A prospective phase II study evaluating safety and efficacy of combining stereotactic body radiation therapy with heat-based ablation for centrally located lung tumors
Mené sur 16 patients atteints d'une ou plusieurs tumeurs situées dans la région centrale du poumon (durée médiane de suivi : 26 mois), cet essai de phase II évalue l'efficacité, du point de vue des taux actuariels de contrôle local à 1 et 2 ans, et la toxicité d'un traitement combinant radiothérapie corporelle stéréotaxique et ablation thermique
Purpose : Stereotactic body radiation therapy (SBRT) and heat-based ablation (HBA) are both potentially safe and effective treatments for primary and metastatic lung tumors.

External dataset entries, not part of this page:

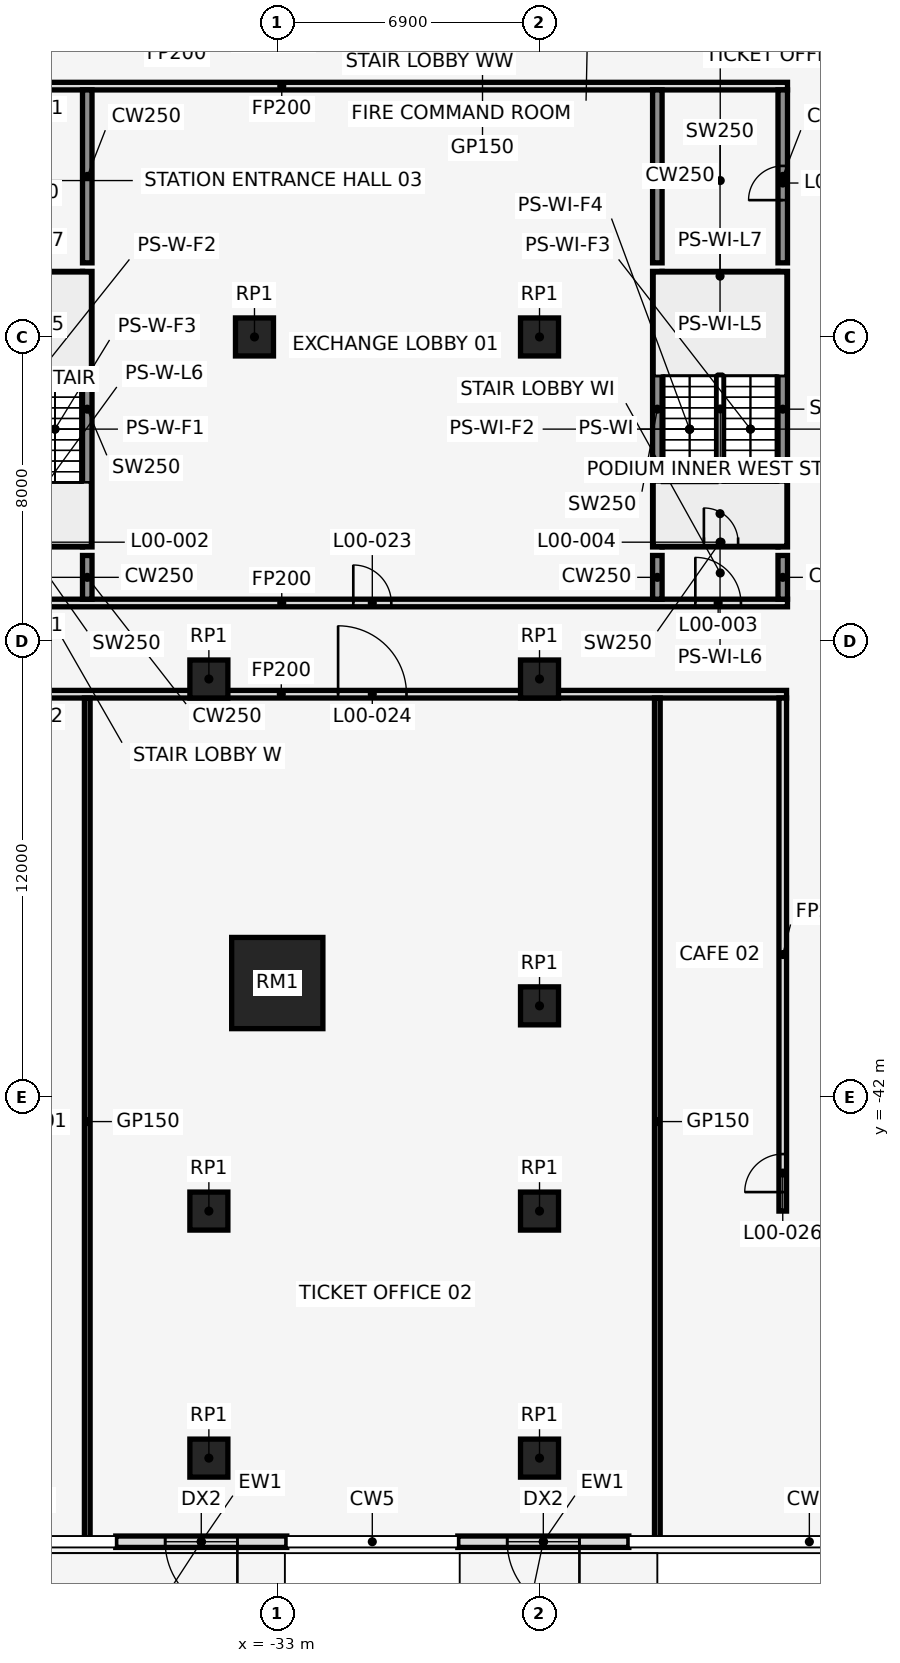
"""IFC4 building model, lengths in metres.
Left out: names, types, materials, properties, quantities, classifications, styles, units other than length and angle.
Written with IfcOpenShell. Run it as: python <this file> out.ifc"""

import sys

from ifc_helpers import new_model, si_unit, direction, frame, frame_2d, origin, origin_2d, place, context, subcontext, project, spatial, rectangle, extrude, element, fill, save


model = new_model("IFC4")
c1 = context("Model", 3, precision=1e-05, world=origin(), true_north=direction((0.0, 1.0)))
c2 = subcontext(c1, "Body", "Model", "MODEL_VIEW")
j1 = project(units=[si_unit("LENGTHUNIT", "METRE"), si_unit("PLANEANGLEUNIT", "RADIAN")], contexts=[c1])
p1 = place(None, origin())
s1 = spatial("IfcSite", under=j1, at=p1, CompositionType="ELEMENT")
p2 = place(p1, origin())
s2 = spatial("IfcBuilding", under=s1, at=p2, CompositionType="ELEMENT")
p3 = place(p2, origin())
s3 = spatial("IfcBuildingStorey", under=s2, at=p3, CompositionType="ELEMENT", Elevation=0.0)
p4 = place(p3, frame((-33.0, -39.0, 0.0), z_axis=(0.0, 0.0, 1.0), x_axis=(1.0, 0.0, 0.0)))
e1 = element("IfcColumn", 1, at=p4, inside=s3, PredefinedType="COLUMN", context=c2, shape_type="SweptSolid", body=[
    extrude(rectangle(XDim=2.4, YDim=2.4, at=origin_2d()), origin(), (0.0, 0.0, 1.0), 8.0),
])
for number, where, z_axis, x_axis in (
    (2, (-26.1, -39.6, 0.0), (0.0, 0.0, 1.0), (1.0, 0.0, 0.0)),
    (3, (-33.6, -22.0, 0.0), (0.0, 0.0, 1.0), (1.0, 0.0, 0.0)),
    (4, (-26.1, -22.0, 0.0), (0.0, 0.0, 1.0), (1.0, 0.0, 0.0)),
    (5, (-34.8, -31.0, 0.0), (0.0, 0.0, 1.0), (1.0, 0.0, 0.0)),
    (6, (-34.8, -45.0, 0.0), (0.0, 0.0, 1.0), (1.0, 0.0, 0.0)),
    (7, (-34.8, -51.5, 0.0), (0.0, 0.0, 1.0), (1.0, 0.0, 0.0)),
    (8, (-26.1, -31.0, 0.0), (0.0, 0.0, 1.0), (1.0, 0.0, 0.0)),
    (9, (-26.1, -45.0, 0.0), (0.0, 0.0, 1.0), (1.0, 0.0, 0.0)),
    (10, (-26.1, -51.5, 0.0), (0.0, 0.0, 1.0), (1.0, 0.0, 0.0)),
):
    element("IfcColumn", number, at=place(p3, frame(where, z_axis=z_axis, x_axis=x_axis)), inside=s3, PredefinedType="COLUMN", context=c2, shape_type="SweptSolid", body=[
        extrude(rectangle(XDim=1.0, YDim=1.0, at=origin_2d()), origin(), (0.0, 0.0, 1.0), 8.0),
    ])
p5 = place(p3, frame((-32.75, -53.7, 0.0), z_axis=(0.0, 0.0, 1.0), x_axis=(-1.0, 0.0, 0.0)))
e11 = element("IfcWall", 11, at=p5, inside=s3, PredefinedType="STANDARD", context=c2, shape_type="SweptSolid", body=[
    extrude(rectangle(XDim=4.5, YDim=0.3, at=frame_2d((2.25, 0.0))), origin(), (0.0, 0.0, 1.0), 7.7),
])
p6 = place(p5, frame((1.3, 0.0, 0.0)))
e12 = element("IfcOpeningElement", 12, at=p6, cuts=e11, PredefinedType="OPENING", context=c2, shape_type="SweptSolid", body=[
    extrude(rectangle(XDim=1.9, YDim=2.6, at=frame_2d((0.95, 1.3))), frame((0.0, 0.162, 0.0), z_axis=(0.0, -1.0, 0.0), x_axis=(1.0, 0.0, 0.0)), (0.0, 0.0, 1.0), 0.324),
])
p7 = place(p5, frame((1.3, 0.0, 3.3)))
e13 = element("IfcOpeningElement", 13, at=p7, cuts=e11, PredefinedType="OPENING", context=c2, shape_type="SweptSolid", body=[
    extrude(rectangle(XDim=1.9, YDim=3.0, at=frame_2d((0.95, 1.5))), frame((0.0, 0.162, 0.0), z_axis=(0.0, -1.0, 0.0), x_axis=(1.0, 0.0, 0.0)), (0.0, 0.0, 1.0), 0.324),
])
p8 = place(p3, frame((-23.75, -53.7, 0.0), z_axis=(0.0, 0.0, 1.0), x_axis=(-1.0, 0.0, 0.0)))
e14 = element("IfcWall", 14, at=p8, inside=s3, PredefinedType="STANDARD", context=c2, shape_type="SweptSolid", body=[
    extrude(rectangle(XDim=4.5, YDim=0.3, at=frame_2d((2.25, 0.0))), origin(), (0.0, 0.0, 1.0), 7.7),
])
p9 = place(p8, frame((1.3, 0.0, 0.0)))
e15 = element("IfcOpeningElement", 15, at=p9, cuts=e14, PredefinedType="OPENING", context=c2, shape_type="SweptSolid", body=[
    extrude(rectangle(XDim=1.9, YDim=2.6, at=frame_2d((0.95, 1.3))), frame((0.0, 0.162, 0.0), z_axis=(0.0, -1.0, 0.0), x_axis=(1.0, 0.0, 0.0)), (0.0, 0.0, 1.0), 0.324),
])
p10 = place(p8, frame((1.3, 0.0, 3.3)))
e16 = element("IfcOpeningElement", 16, at=p10, cuts=e14, PredefinedType="OPENING", context=c2, shape_type="SweptSolid", body=[
    extrude(rectangle(XDim=1.9, YDim=3.0, at=frame_2d((0.95, 1.5))), frame((0.0, 0.162, 0.0), z_axis=(0.0, -1.0, 0.0), x_axis=(1.0, 0.0, 0.0)), (0.0, 0.0, 1.0), 0.324),
])
p11 = place(p3, frame((-38.0, -27.525, 0.0), z_axis=(0.0, 0.0, 1.0), x_axis=(0.0, 1.0, 0.0)))
e17 = element("IfcWall", 17, at=p11, inside=s3, PredefinedType="SHEAR", context=c2, shape_type="SweptSolid", body=[
    extrude(rectangle(XDim=7.25, YDim=0.25, at=frame_2d((3.625, 0.0))), origin(), (0.0, 0.0, 1.0), 8.0),
])
p12 = place(p3, frame((-41.175, -27.4, 0.0), z_axis=(0.0, 0.0, 1.0), x_axis=(1.0, 0.0, 0.0)))
e18 = element("IfcWall", 18, at=p12, inside=s3, PredefinedType="SHEAR", context=c2, shape_type="SweptSolid", body=[
    extrude(rectangle(XDim=3.05, YDim=0.25, at=frame_2d((1.525, 0.0))), origin(), (0.0, 0.0, 1.0), 8.0),
])
p13 = place(p12, frame((1.1, 0.0, 0.0)))
e19 = element("IfcOpeningElement", 19, at=p13, cuts=e18, PredefinedType="OPENING", context=c2, shape_type="SweptSolid", body=[
    extrude(rectangle(XDim=0.9, YDim=2.1, at=frame_2d((0.45, 1.05))), frame((0.0, 0.137, 0.0), z_axis=(0.0, -1.0, 0.0), x_axis=(1.0, 0.0, 0.0)), (0.0, 0.0, 1.0), 0.274),
])
p14 = place(p3, frame((-41.175, -20.4, 0.0), z_axis=(0.0, 0.0, 1.0), x_axis=(1.0, 0.0, 0.0)))
e20 = element("IfcWall", 20, at=p14, inside=s3, PredefinedType="SHEAR", context=c2, shape_type="SweptSolid", body=[
    extrude(rectangle(XDim=3.05, YDim=0.25, at=frame_2d((1.525, 0.0))), origin(), (0.0, 0.0, 1.0), 8.0),
])
for number, where, z_axis, x_axis in (
    (21, (-23.0, -27.525, 0.0), (0.0, 0.0, 1.0), (0.0, 1.0, 0.0)),
    (22, (-19.7, -27.525, 0.0), (0.0, 0.0, 1.0), (0.0, 1.0, 0.0)),
):
    element("IfcWall", number, at=place(p3, frame(where, z_axis=z_axis, x_axis=x_axis)), inside=s3, PredefinedType="SHEAR", context=c2, shape_type="SweptSolid", body=[
        extrude(rectangle(XDim=7.25, YDim=0.25, at=frame_2d((3.625, 0.0))), origin(), (0.0, 0.0, 1.0), 8.0),
    ])
p15 = place(p3, frame((-22.875, -27.4, 0.0), z_axis=(0.0, 0.0, 1.0), x_axis=(1.0, 0.0, 0.0)))
e23 = element("IfcWall", 23, at=p15, inside=s3, PredefinedType="SHEAR", context=c2, shape_type="SweptSolid", body=[
    extrude(rectangle(XDim=3.05, YDim=0.25, at=frame_2d((1.525, 0.0))), origin(), (0.0, 0.0, 1.0), 8.0),
])
p16 = place(p15, frame((1.1, 0.0, 0.0)))
e24 = element("IfcOpeningElement", 24, at=p16, cuts=e23, PredefinedType="OPENING", context=c2, shape_type="SweptSolid", body=[
    extrude(rectangle(XDim=0.9, YDim=2.1, at=frame_2d((0.45, 1.05))), frame((0.0, 0.137, 0.0), z_axis=(0.0, -1.0, 0.0), x_axis=(1.0, 0.0, 0.0)), (0.0, 0.0, 1.0), 0.274),
])
p17 = place(p3, frame((-22.875, -20.4, 0.0), z_axis=(0.0, 0.0, 1.0), x_axis=(1.0, 0.0, 0.0)))
e25 = element("IfcWall", 25, at=p17, inside=s3, PredefinedType="SHEAR", context=c2, shape_type="SweptSolid", body=[
    extrude(rectangle(XDim=3.05, YDim=0.25, at=frame_2d((1.525, 0.0))), origin(), (0.0, 0.0, 1.0), 8.0),
])
p18 = place(p3, frame((-46.19, -31.4, 0.0), z_axis=(0.0, 0.0, 1.0), x_axis=(1.0, 0.0, 0.0)))
e26 = element("IfcWall", 26, at=p18, inside=s3, PredefinedType="PARTITIONING", context=c2, shape_type="SweptSolid", body=[
    extrude(rectangle(XDim=26.59, YDim=0.2, at=frame_2d((13.295, 0.0))), origin(), (0.0, 0.0, 1.0), 7.7),
])
p19 = place(p18, frame((0.4, 0.0, 0.0)))
e27 = element("IfcOpeningElement", 27, at=p19, cuts=e26, PredefinedType="OPENING", context=c2, shape_type="SweptSolid", body=[
    extrude(rectangle(XDim=1.0, YDim=2.1, at=frame_2d((0.5, 1.05))), frame((0.0, 0.112, 0.0), z_axis=(0.0, -1.0, 0.0), x_axis=(1.0, 0.0, 0.0)), (0.0, 0.0, 1.0), 0.224),
])
p20 = place(p18, frame((5.99, 0.0, 0.0)))
e28 = element("IfcOpeningElement", 28, at=p20, cuts=e26, PredefinedType="OPENING", context=c2, shape_type="SweptSolid", body=[
    extrude(rectangle(XDim=1.0, YDim=2.1, at=frame_2d((0.5, 1.05))), frame((0.0, 0.112, 0.0), z_axis=(0.0, -1.0, 0.0), x_axis=(1.0, 0.0, 0.0)), (0.0, 0.0, 1.0), 0.224),
])
p21 = place(p18, frame((14.79, 0.0, 0.0)))
e29 = element("IfcOpeningElement", 29, at=p21, cuts=e26, PredefinedType="OPENING", context=c2, shape_type="SweptSolid", body=[
    extrude(rectangle(XDim=1.8, YDim=2.1, at=frame_2d((0.9, 1.05))), frame((0.0, 0.112, 0.0), z_axis=(0.0, -1.0, 0.0), x_axis=(1.0, 0.0, 0.0)), (0.0, 0.0, 1.0), 0.224),
])
p22 = place(p3, frame((-46.19, -29.0, 0.0), z_axis=(0.0, 0.0, 1.0), x_axis=(1.0, 0.0, 0.0)))
e30 = element("IfcWall", 30, at=p22, inside=s3, PredefinedType="PARTITIONING", context=c2, shape_type="SweptSolid", body=[
    extrude(rectangle(XDim=26.615, YDim=0.2, at=frame_2d((13.308, 0.0))), origin(), (0.0, 0.0, 1.0), 7.7),
])
p23 = place(p22, frame((5.89, 0.0, 0.0)))
e31 = element("IfcOpeningElement", 31, at=p23, cuts=e30, PredefinedType="OPENING", context=c2, shape_type="SweptSolid", body=[
    extrude(rectangle(XDim=1.2, YDim=2.1, at=frame_2d((0.6, 1.05))), frame((0.0, 0.112, 0.0), z_axis=(0.0, -1.0, 0.0), x_axis=(1.0, 0.0, 0.0)), (0.0, 0.0, 1.0), 0.224),
])
p24 = place(p22, frame((24.19, 0.0, 0.0)))
e32 = element("IfcOpeningElement", 32, at=p24, cuts=e30, PredefinedType="OPENING", context=c2, shape_type="SweptSolid", body=[
    extrude(rectangle(XDim=1.2, YDim=2.1, at=frame_2d((0.6, 1.05))), frame((0.0, 0.112, 0.0), z_axis=(0.0, -1.0, 0.0), x_axis=(1.0, 0.0, 0.0)), (0.0, 0.0, 1.0), 0.224),
])
p25 = place(p22, frame((1.9, 0.0, 0.0)))
e33 = element("IfcOpeningElement", 33, at=p25, cuts=e30, PredefinedType="OPENING", context=c2, shape_type="SweptSolid", body=[
    extrude(rectangle(XDim=1.0, YDim=2.1, at=frame_2d((0.5, 1.05))), frame((0.0, 0.112, 0.0), z_axis=(0.0, -1.0, 0.0), x_axis=(1.0, 0.0, 0.0)), (0.0, 0.0, 1.0), 0.224),
])
p26 = place(p22, frame((15.19, 0.0, 0.0)))
e34 = element("IfcOpeningElement", 34, at=p26, cuts=e30, PredefinedType="OPENING", context=c2, shape_type="SweptSolid", body=[
    extrude(rectangle(XDim=1.0, YDim=2.1, at=frame_2d((0.5, 1.05))), frame((0.0, 0.112, 0.0), z_axis=(0.0, -1.0, 0.0), x_axis=(1.0, 0.0, 0.0)), (0.0, 0.0, 1.0), 0.224),
])
p27 = place(p3, frame((-46.19, -15.4, 0.0), z_axis=(0.0, 0.0, 1.0), x_axis=(1.0, 0.0, 0.0)))
e35 = element("IfcWall", 35, at=p27, inside=s3, PredefinedType="PARTITIONING", context=c2, shape_type="SweptSolid", body=[
    extrude(rectangle(XDim=26.615, YDim=0.2, at=frame_2d((13.308, 0.0))), origin(), (0.0, 0.0, 1.0), 7.7),
])
p28 = place(p27, frame((6.09, 0.0, 0.0)))
e36 = element("IfcOpeningElement", 36, at=p28, cuts=e35, PredefinedType="OPENING", context=c2, shape_type="SweptSolid", body=[
    extrude(rectangle(XDim=0.9, YDim=2.1, at=frame_2d((0.45, 1.05))), frame((0.0, 0.112, 0.0), z_axis=(0.0, -1.0, 0.0), x_axis=(1.0, 0.0, 0.0)), (0.0, 0.0, 1.0), 0.224),
])
p29 = place(p3, frame((-38.0, -53.79, 0.0), z_axis=(0.0, 0.0, 1.0), x_axis=(0.0, 1.0, 0.0)))
e37 = element("IfcWall", 37, at=p29, inside=s3, PredefinedType="PARTITIONING", context=c2, shape_type="SweptSolid", body=[
    extrude(rectangle(XDim=22.29, YDim=0.15, at=frame_2d((11.145, 0.0))), origin(), (0.0, 0.0, 1.0), 7.7),
])
p30 = place(p3, frame((-38.0, -28.9, 0.0), z_axis=(0.0, 0.0, 1.0), x_axis=(0.0, 1.0, 0.0)))
e38 = element("IfcWall", 38, at=p30, inside=s3, PredefinedType="SHEAR", context=c2, shape_type="SweptSolid", body=[
    extrude(rectangle(XDim=1.15, YDim=0.25, at=frame_2d((0.575, 0.0))), origin(), (0.0, 0.0, 1.0), 8.0),
])
p31 = place(p3, frame((-38.0, -20.05, 0.0), z_axis=(0.0, 0.0, 1.0), x_axis=(0.0, 1.0, 0.0)))
e39 = element("IfcWall", 39, at=p31, inside=s3, PredefinedType="SHEAR", context=c2, shape_type="SweptSolid", body=[
    extrude(rectangle(XDim=4.55, YDim=0.25, at=frame_2d((2.275, 0.0))), origin(), (0.0, 0.0, 1.0), 8.0),
])
p32 = place(p3, frame((-23.0, -53.79, 0.0), z_axis=(0.0, 0.0, 1.0), x_axis=(0.0, 1.0, 0.0)))
e40 = element("IfcWall", 40, at=p32, inside=s3, PredefinedType="PARTITIONING", context=c2, shape_type="SweptSolid", body=[
    extrude(rectangle(XDim=22.29, YDim=0.15, at=frame_2d((11.145, 0.0))), origin(), (0.0, 0.0, 1.0), 7.7),
])
p33 = place(p3, frame((-23.0, -28.9, 0.0), z_axis=(0.0, 0.0, 1.0), x_axis=(0.0, 1.0, 0.0)))
e41 = element("IfcWall", 41, at=p33, inside=s3, PredefinedType="SHEAR", context=c2, shape_type="SweptSolid", body=[
    extrude(rectangle(XDim=1.15, YDim=0.25, at=frame_2d((0.575, 0.0))), origin(), (0.0, 0.0, 1.0), 8.0),
])
p34 = place(p3, frame((-23.0, -20.05, 0.0), z_axis=(0.0, 0.0, 1.0), x_axis=(0.0, 1.0, 0.0)))
e42 = element("IfcWall", 42, at=p34, inside=s3, PredefinedType="SHEAR", context=c2, shape_type="SweptSolid", body=[
    extrude(rectangle(XDim=4.55, YDim=0.25, at=frame_2d((2.275, 0.0))), origin(), (0.0, 0.0, 1.0), 8.0),
])
p35 = place(p3, frame((-19.7, -45.0, 0.0), z_axis=(0.0, 0.0, 1.0), x_axis=(0.0, 1.0, 0.0)))
e43 = element("IfcWall", 43, at=p35, inside=s3, PredefinedType="PARTITIONING", context=c2, shape_type="SweptSolid", body=[
    extrude(rectangle(XDim=13.5, YDim=0.2, at=frame_2d((6.75, 0.0))), origin(), (0.0, 0.0, 1.0), 7.7),
])
p36 = place(p35, frame((0.5, 0.0, 0.0)))
e44 = element("IfcOpeningElement", 44, at=p36, cuts=e43, PredefinedType="OPENING", context=c2, shape_type="SweptSolid", body=[
    extrude(rectangle(XDim=1.0, YDim=2.1, at=frame_2d((0.5, 1.05))), frame((0.0, 0.112, 0.0), z_axis=(0.0, -1.0, 0.0), x_axis=(1.0, 0.0, 0.0)), (0.0, 0.0, 1.0), 0.224),
])
p37 = place(p3, frame((-19.7, -28.9, 0.0), z_axis=(0.0, 0.0, 1.0), x_axis=(0.0, 1.0, 0.0)))
e45 = element("IfcWall", 45, at=p37, inside=s3, PredefinedType="SHEAR", context=c2, shape_type="SweptSolid", body=[
    extrude(rectangle(XDim=1.15, YDim=0.25, at=frame_2d((0.575, 0.0))), origin(), (0.0, 0.0, 1.0), 8.0),
])
p38 = place(p3, frame((-19.7, -20.05, 0.0), z_axis=(0.0, 0.0, 1.0), x_axis=(0.0, 1.0, 0.0)))
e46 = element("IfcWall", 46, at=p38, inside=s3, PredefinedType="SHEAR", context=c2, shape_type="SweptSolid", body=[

Both are suboptimal for centrally located tumors, with SBRT having higher risk for significant toxicity and HBA having lower efficacy. This study evaluates the safety and efficacy of combination SBRT/HBA to see if a combined treatment can result in superior outcomes than each treatment alone. Materials/Methods : Patients with one or two primary or metastatic lung tumors ≤ 5 cm in size were enrolled on a prospective phase II trial and treated with SBRT in 3 fractions followed by HBA. Tumors < 1 cm from the central bronchial tree received a total of 36 Gy and tumors 1-2 cm away received 42 Gy. HBA was delivered within 10 days after SBRT. The primary endpoints were local control, toxicity, and degree of decline in lung function. Secondary endpoints were progression-free survival and overall survival. Results : 16 patients with 17 tumors were treated. The median follow-up time was 26 months. 15 tumors were evaluable for local control. The 1- and 2-year actuarial local control rates were 93% and 81%. Three patients experienced grade ≥ 3 toxicity; bronchial stenosis, pain, and pulmonary hemorrhage. The percent predicted forced expiratory volume in 1 second (FEV1) and functional vital capacity (FVC) decreased by 8% and 8.5% at 3 months post-treatment, respectively (p < .001 for both). Conclusions : Combining SBRT and HBA for centrally located lung tumors offers reasonable local control and toxicity despite the anatomical challenges of this location. HBA may be a reasonable supplement to SBRT when trachea/bronchus, large vessels, or esophageal constraints cannot be met with full dose SBRT, and a biologically effective dose of < 100 Gy is delivered due to an ultra-central location or large tumor size.